As mentioned, there were hundreds and thousands of texture features, and their prognostic roles were widely different in previous studies. Therefore, the analyses of single texture features were time-consuming and inefficient. Furthermore, considering the potential overfit-ting of radiomics features, it was meaningful to reduce and shrink features before model building. The integrative radiomics signature would facilitate the application of CT texture feature. In our study, the radiomics signature demonstrated favorable discriminative ability in the training cohort (AUC = 0.783, C-index = 0.782) and validation cohort (AUC = 0.770, C-index = 0.752) compared with previous studies (AUC = 0.66–0.69) [34]. In addition, an MRI-based radiomics study of HNSCC concluded moderate C-indexes of 0.73 in training cohort and 0.71 in validation cohort [35]. These results suggested that radiomics heterogeneity of primary mass observed in CT and MRI images might be helpful to judge prognosis and guide treatment in cancer patients. No final conclusion has yet been reached, which still needs more studies to determine whether radiomics signature could be effective predictor of prognosis or not.

The TNM staging was traditionally suggested as an independent prognostic predictor in HNSCC patients [36]. Primary site of LSCC was also associated with survival results. The prognosis of supraglottic laryngeal cancer was poorer than that of subglottic and supraglottic cancer, which possibly due to common cervical lymph node metastasis in supraglottic laryngeal cancer [37]. In our study, survival results of patients undergoing partial laryngectomy was better than patients undergoing total laryngectomy. It was probably because patients with early-stage cancer often received partial resection than total resection. Then we incorporated the radiomics signature and above clinical factors in nomogram to improve the survival prediction. It has been suggested that single risk factor without model may be difficult to comprehensively evaluate the postoperative outcome of different patients, thus a prognostic model is necessary to consider multiple risk factors for each patient, such as nomogram [14]. Previous MRI-based radiomics studies also showed significantly higher C-indexes of radiomics nomogram than TNM staging [34, 38]. However, the effectiveness of radiomics nomogram still requires further investigation.

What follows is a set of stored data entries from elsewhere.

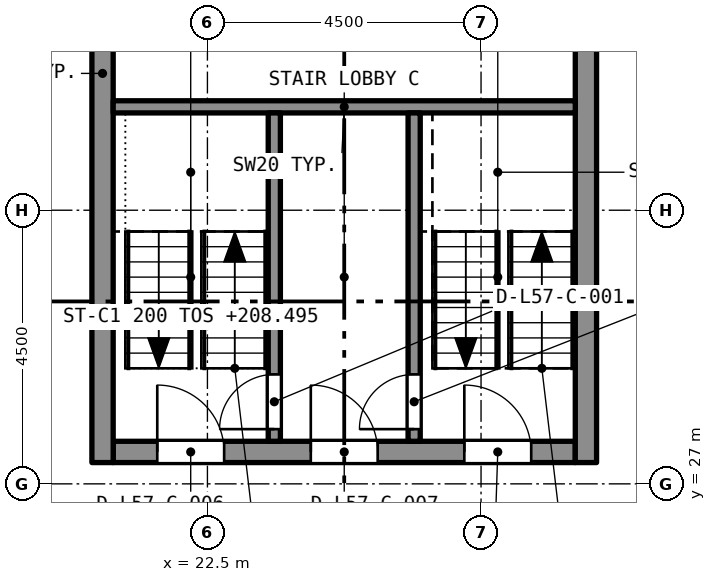
"""IFC4 building model, lengths in metres.
Left out: names, types, materials, properties, quantities, classifications, styles, units other than length and angle.
Written with IfcOpenShell. Run it as: python <this file> out.ifc"""

import sys

from ifc_helpers import new_model, si_unit, direction, frame, frame_2d, origin, place, context, subcontext, project, spatial, rectangle, extrude, element, fill, save


model = new_model("IFC4")
c1 = context("Model", 3, precision=1e-05, world=origin(), true_north=direction((0.0, 1.0)))
c2 = subcontext(c1, "Body", "Model", "MODEL_VIEW")
j1 = project(units=[si_unit("LENGTHUNIT", "METRE"), si_unit("PLANEANGLEUNIT", "RADIAN")], contexts=[c1])
p1 = place(None, origin())
s1 = spatial("IfcSite", under=j1, at=p1, CompositionType="ELEMENT")
p2 = place(p1, origin())
s2 = spatial("IfcBuilding", under=s1, at=p2, CompositionType="ELEMENT")
p3 = place(p2, frame((0.0, 0.0, 206.895)))
s3 = spatial("IfcBuildingStorey", under=s2, at=p3, CompositionType="ELEMENT", Elevation=206.895)
p4 = place(p3, frame((20.95, 27.525, 0.0), z_axis=(0.0, 0.0, 1.0), x_axis=(1.0, 0.0, 0.0)))
e1 = element("IfcWall", 1, at=p4, inside=s3, PredefinedType="SOLIDWALL", context=c2, shape_type="SweptSolid", body=[
    extrude(rectangle(XDim=7.6, YDim=0.35, at=frame_2d((3.8, 0.0))), origin(), (0.0, 0.0, 1.0), 3.2),
])
p5 = place(p4, frame((0.725, 0.0, 0.0)))
e2 = element("IfcOpeningElement", 2, at=p5, cuts=e1, PredefinedType="OPENING", context=c2, shape_type="SweptSolid", body=[
    extrude(rectangle(XDim=1.1, YDim=2.1, at=frame_2d((0.55, 1.05))), frame((0.0, 0.185, 0.0), z_axis=(0.0, -1.0, 0.0), x_axis=(1.0, 0.0, 0.0)), (0.0, 0.0, 1.0), 0.37),
])
p6 = place(p4, frame((3.25, 0.0, 0.0)))
e3 = element("IfcOpeningElement", 3, at=p6, cuts=e1, PredefinedType="OPENING", context=c2, shape_type="SweptSolid", body=[
    extrude(rectangle(XDim=1.1, YDim=2.1, at=frame_2d((0.55, 1.05))), frame((0.0, 0.185, 0.0), z_axis=(0.0, -1.0, 0.0), x_axis=(1.0, 0.0, 0.0)), (0.0, 0.0, 1.0), 0.37),
])
p7 = place(p4, frame((5.775, 0.0, 0.0)))
e4 = element("IfcOpeningElement", 4, at=p7, cuts=e1, PredefinedType="OPENING", context=c2, shape_type="SweptSolid", body=[
    extrude(rectangle(XDim=1.1, YDim=2.1, at=frame_2d((0.55, 1.05))), frame((0.0, 0.185, 0.0), z_axis=(0.0, -1.0, 0.0), x_axis=(1.0, 0.0, 0.0)), (0.0, 0.0, 1.0), 0.37),
])
p8 = place(p3, frame((20.775, 27.35, 0.0), z_axis=(0.0, 0.0, 1.0), x_axis=(0.0, 1.0, 0.0)))
e5 = element("IfcWall", 5, at=p8, inside=s3, PredefinedType="SOLIDWALL", context=c2, shape_type="SweptSolid", body=[
    extrude(rectangle(XDim=12.8, YDim=0.35, at=frame_2d((6.4, 0.0))), origin(), (0.0, 0.0, 1.0), 3.2),
])
p9 = place(p8, frame((8.6, 0.0, 0.0)))
e6 = element("IfcOpeningElement", 6, at=p9, cuts=e5, PredefinedType="OPENING", context=c2, shape_type="SweptSolid", body=[
    extrude(rectangle(XDim=1.2, YDim=2.1, at=frame_2d((0.6, 1.05))), frame((0.0, 0.185, 0.0), z_axis=(0.0, -1.0, 0.0), x_axis=(1.0, 0.0, 0.0)), (0.0, 0.0, 1.0), 0.37),
])
p10 = place(p3, frame((28.725, 27.35, 0.0), z_axis=(0.0, 0.0, 1.0), x_axis=(0.0, 1.0, 0.0)))
e7 = element("IfcWall", 7, at=p10, inside=s3, PredefinedType="SOLIDWALL", context=c2, shape_type="SweptSolid", body=[
    extrude(rectangle(XDim=12.8, YDim=0.35, at=frame_2d((6.4, 0.0))), origin(), (0.0, 0.0, 1.0), 3.2),
])
p11 = place(p10, frame((8.6, 0.0, 0.0)))
e8 = element("IfcOpeningElement", 8, at=p11, cuts=e7, PredefinedType="OPENING", context=c2, shape_type="SweptSolid", body=[
    extrude(rectangle(XDim=1.2, YDim=2.1, at=frame_2d((0.6, 1.05))), frame((0.0, 0.185, 0.0), z_axis=(0.0, -1.0, 0.0), x_axis=(1.0, 0.0, 0.0)), (0.0, 0.0, 1.0), 0.37),
])
p12 = place(p3, frame((20.95, 33.2, 0.0), z_axis=(0.0, 0.0, 1.0), x_axis=(1.0, 0.0, 0.0)))
e9 = element("IfcWall", 9, at=p12, inside=s3, PredefinedType="SOLIDWALL", context=c2, shape_type="SweptSolid", body=[
    extrude(rectangle(XDim=7.6, YDim=0.2, at=frame_2d((3.8, 0.0))), origin(), (0.0, 0.0, 1.0), 2.9),
])
p13 = place(p3, frame((23.6, 27.7, 0.0), z_axis=(0.0, 0.0, 1.0), x_axis=(0.0, 1.0, 0.0)))
e10 = element("IfcWall", 10, at=p13, inside=s3, PredefinedType="SOLIDWALL", context=c2, shape_type="SweptSolid", body=[
    extrude(rectangle(XDim=5.4, YDim=0.2, at=frame_2d((2.7, 0.0))), origin(), (0.0, 0.0, 1.0), 2.9),
])
p14 = place(p13, frame((0.2, 0.0, 0.0)))
e11 = element("IfcOpeningElement", 11, at=p14, cuts=e10, PredefinedType="OPENING", context=c2, shape_type="SweptSolid", body=[
    extrude(rectangle(XDim=0.9, YDim=2.1, at=frame_2d((0.45, 1.05))), frame((0.0, 0.11, 0.0), z_axis=(0.0, -1.0, 0.0), x_axis=(1.0, 0.0, 0.0)), (0.0, 0.0, 1.0), 0.22),
])
p15 = place(p3, frame((25.9, 27.7, 0.0), z_axis=(0.0, 0.0, 1.0), x_axis=(0.0, 1.0, 0.0)))
e12 = element("IfcWall", 12, at=p15, inside=s3, PredefinedType="SOLIDWALL", context=c2, shape_type="SweptSolid", body=[
    extrude(rectangle(XDim=5.4, YDim=0.2, at=frame_2d((2.7, 0.0))), origin(), (0.0, 0.0, 1.0), 2.9),
])
p16 = place(p15, frame((0.2, 0.0, 0.0)))
e13 = element("IfcOpeningElement", 13, at=p16, cuts=e12, PredefinedType="OPENING", context=c2, shape_type="SweptSolid", body=[
    extrude(rectangle(XDim=0.9, YDim=2.1, at=frame_2d((0.45, 1.05))), frame((0.0, 0.11, 0.0), z_axis=(0.0, -1.0, 0.0), x_axis=(1.0, 0.0, 0.0)), (0.0, 0.0, 1.0), 0.22),
])
p17 = place(p14, origin())
e14 = element("IfcDoor", 14, at=p17, inside=s3, OperationType="SINGLE_SWING_LEFT", PredefinedType="DOOR", context=c2, shape_type="SweptSolid", body=[
    extrude(rectangle(XDim=0.9, YDim=2.1, at=frame_2d((0.45, 1.05))), frame((0.0, 0.025, 0.0), z_axis=(0.0, -1.0, 0.0), x_axis=(1.0, 0.0, 0.0)), (0.0, 0.0, 1.0), 0.05),
])
fill(e11, e14)
p18 = place(p16, origin())
e15 = element("IfcDoor", 15, at=p18, inside=s3, OperationType="SINGLE_SWING_LEFT", PredefinedType="DOOR", context=c2, shape_type="SweptSolid", body=[
    extrude(rectangle(XDim=0.9, YDim=2.1, at=frame_2d((0.45, 1.05))), frame((0.0, 0.025, 0.0), z_axis=(0.0, -1.0, 0.0), x_axis=(1.0, 0.0, 0.0)), (0.0, 0.0, 1.0), 0.05),
])
fill(e13, e15)
p19 = place(p5, origin())
e16 = element("IfcDoor", 16, at=p19, inside=s3, OperationType="SINGLE_SWING_LEFT", PredefinedType="DOOR", context=c2, shape_type="SweptSolid", body=[
    extrude(rectangle(XDim=1.1, YDim=2.1, at=frame_2d((0.55, 1.05))), frame((0.0, 0.025, 0.0), z_axis=(0.0, -1.0, 0.0), x_axis=(1.0, 0.0, 0.0)), (0.0, 0.0, 1.0), 0.05),
])
fill(e2, e16)
p20 = place(p6, origin())
e17 = element("IfcDoor", 17, at=p20, inside=s3, OperationType="SINGLE_SWING_LEFT", PredefinedType="DOOR", context=c2, shape_type="SweptSolid", body=[
    extrude(rectangle(XDim=1.1, YDim=2.1, at=frame_2d((0.55, 1.05))), frame((0.0, 0.025, 0.0), z_axis=(0.0, -1.0, 0.0), x_axis=(1.0, 0.0, 0.0)), (0.0, 0.0, 1.0), 0.05),
])
fill(e3, e17)
p21 = place(p7, origin())
e18 = element("IfcDoor", 18, at=p21, inside=s3, OperationType="SINGLE_SWING_LEFT", PredefinedType="DOOR", context=c2, shape_type="SweptSolid", body=[
    extrude(rectangle(XDim=1.1, YDim=2.1, at=frame_2d((0.55, 1.05))), frame((0.0, 0.025, 0.0), z_axis=(0.0, -1.0, 0.0), x_axis=(1.0, 0.0, 0.0)), (0.0, 0.0, 1.0), 0.05),
])
fill(e4, e18)
save(model, sys.argv[1])

There were several shortcomings in the present study. Firstly, due to retrospective design and small sample of single-center, the potential selection bias cannot be excluded, which limited the accuracy and reliability of results. Secondly, the variation between observed images should be considered when drawing the outline of ROI areas. The computer-aided software of this study may help to reduce variation to some degree. Thirdly, although there was no significant difference in characteristics between the two cohorts, the variables including therapeutic strategies and complications might act as potential confounders. Furthermore, there were many kinds of texture features and images processing software, thus unifying the texture analysis would help to achieve robust results and spread the application.

Conclusions

Contrast-enhanced CT radiomics signature was independently associated with overall survival in LSCC patients. The radiomics nomogram might act as a noninvasive and effective model to improve the individualized prognostic evaluation and treatment strategies. Therefore, more researches are warranted for better estimation, especially the large-scale prospective and multi-center studies.